How one comes to qualify a gene as morphogenic? Fleury didn’t included this information in his paper, neither in the text or the glossary despite his interest on morphogenesis. I’ve chosen to illustrate the concept using bicoid as it’s one of the examples used by the author.
What is it observed in embryos lacking maternal bicoid mRNA? Well, no head, two asses ; poor embryo, looks like some people I know, who seem to ass-stink when they speak.

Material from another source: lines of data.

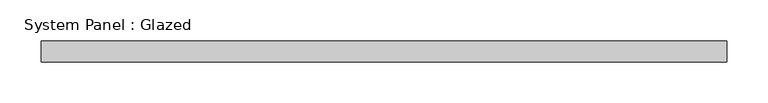
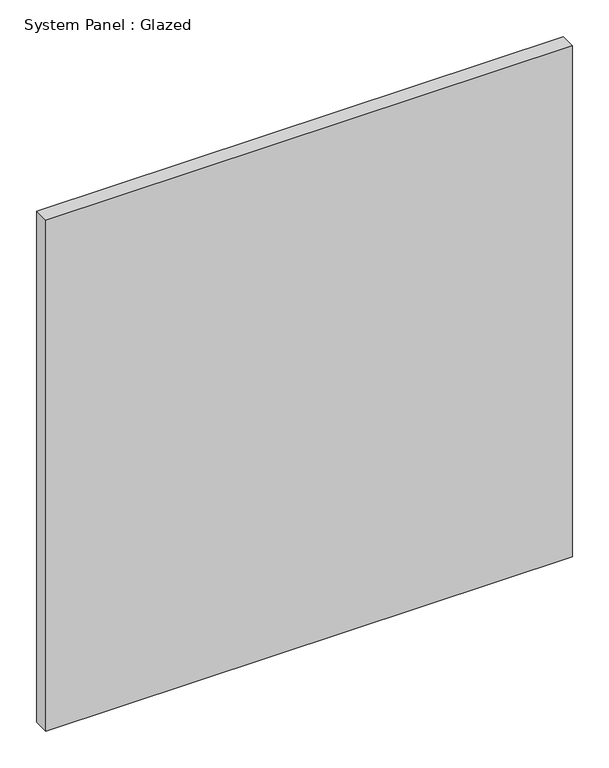
"""IFC4 building model written with IfcOpenShell, lengths in millimetres: plate geometry, System Panel : Glazed."""

from ifc_helpers import new_model, si_unit, origin, origin_with_axes, place, context, project, spatial, polyline, outline, extrude, source, transform, mapped, element, save


def system_panel_glazed_1cb891c7(model_context):
    return source(origin(), model_context, "Body", "SweptSolid", [
        extrude(outline(polyline([(415.925, 19.05), (-415.925, 19.05), (-415.925, 44.45), (415.925, 44.45), (415.925, 19.05)])), origin_with_axes(), (0.0, 0.0, 1.0), 853.0145651),
    ])


if __name__ == "__main__":
    model = new_model("IFC4")
    model_context = context("Model", 3, world=origin())
    ifc_project = project(units=[si_unit("LENGTHUNIT", "METRE", prefix="MILLI")], contexts=[model_context])
    site = spatial("IfcSite", under=ifc_project)
    building = spatial("IfcBuilding", under=site)
    placement = place(None, origin())
    system_panel_glazed_shape = system_panel_glazed_1cb891c7(model_context)
    element("IfcPlate", 1, ObjectType="System Panel : Glazed", at=placement, inside=building, context=model_context, shape_type="MappedRepresentation", body=[
        mapped(system_panel_glazed_shape, transform((0.0, 0.0, 0.0), x_axis=(1.0, 0.0, 0.0), y_axis=(0.0, 1.0, 0.0), z_axis=(0.0, 0.0, 1.0))),
    ])
    save(model, "model.ifc")

# Revit data of these elements
# Type "System Panel : Glazed"
#   Construction Type Id = "GSP4R"
#   Analytic Construction = "1/8 in Pilkington single glazing"
#   Visual Light Transmittance = 0.9
#   Solar Heat Gain Coefficient = 0.86
#   Heat Transfer Coefficient (U) = 1.18115 BTU/(h·ft²·°F)
#   Define Thermal Properties by = 1
# Element 1 (IfcPlate, "System Panel : Glazed")
#   Materials on its faces: "Glass"
# Materials
#   "Glass": class "Glass", colour RGB 0 128 192, transparency 0.75, Description = "Soda Lime Glass", Cost = 0
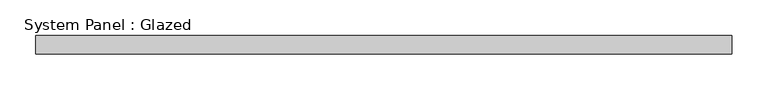
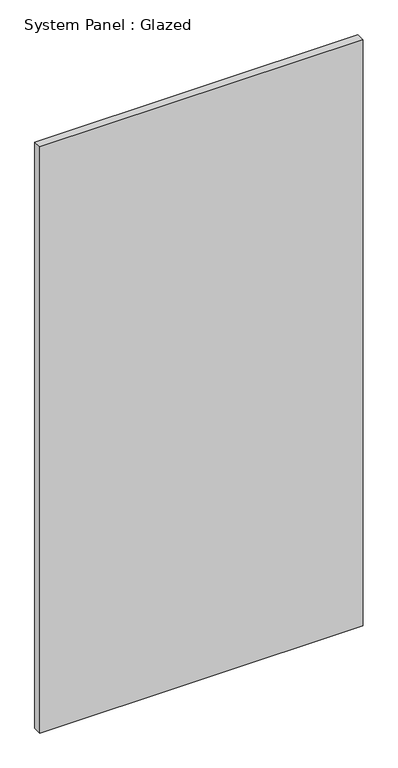
"""IFC4 building model written with IfcOpenShell, lengths in millimetres: plate geometry, System Panel : Glazed."""

from ifc_helpers import new_model, si_unit, origin, origin_with_axes, place, context, project, spatial, polyline, outline, extrude, source, transform, mapped, element, save


def system_panel_glazed_a27b9eb0(model_context):
    return source(origin(), model_context, "Body", "SweptSolid", [
        extrude(outline(polyline([(485.775, 19.05), (-485.775, 19.05), (-485.775, 44.45), (485.775, 44.45), (485.775, 19.05)])), origin_with_axes(), (0.0, 0.0, 1.0), 1861.699716),
    ])


if __name__ == "__main__":
    model = new_model("IFC4")
    model_context = context("Model", 3, world=origin())
    ifc_project = project(units=[si_unit("LENGTHUNIT", "METRE", prefix="MILLI")], contexts=[model_context])
    site = spatial("IfcSite", under=ifc_project)
    building = spatial("IfcBuilding", under=site)
    placement = place(None, origin())
    system_panel_glazed_shape = system_panel_glazed_a27b9eb0(model_context)
    element("IfcPlate", 1, ObjectType="System Panel : Glazed", at=placement, inside=building, context=model_context, shape_type="MappedRepresentation", body=[
        mapped(system_panel_glazed_shape, transform((0.0, 0.0, 0.0), x_axis=(1.0, 0.0, 0.0), y_axis=(0.0, 1.0, 0.0), z_axis=(0.0, 0.0, 1.0))),
    ])
    save(model, "model.ifc")

# Revit data of these elements
# Type "System Panel : Glazed"
#   Construction Type Id = "GSP4R"
#   Analytic Construction = "1/8 in Pilkington single glazing"
#   Visual Light Transmittance = 0.9
#   Solar Heat Gain Coefficient = 0.86
#   Heat Transfer Coefficient (U) = 1.18115 BTU/(h·ft²·°F)
#   Define Thermal Properties by = 1
# Element 1 (IfcPlate, "System Panel : Glazed")
#   Materials on its faces: "Glass"
# Materials
#   "Glass": class "Glass", colour RGB 0 128 192, transparency 0.75, Description = "Soda Lime Glass", Cost = 0

Bicoid is a gene that is essential for normal axis formation in the fly, Drosophila. It is this gene product that basically tells the fly embryo which end is the front end—the cartoon to the right illustrates what mutant larvae look like. The top picture is a normal, or wild type, Drosophila larva. Students of the fly will recognize that this animal is facing to the left by the presence of the dark mouthparts; fly experts will be familiar with the stippling in the figure, which illustrates characteristic locations of bristles on the animal’s cuticle.
The picture below it is of an animal that lacks the bicoid gene product. It has no mouthparts, no head end at all; looking at the pattern of bristles, one can also see that the front end has the bristles found on the back end. (Yes, South Park fans, geneticists have created flies with two asses.)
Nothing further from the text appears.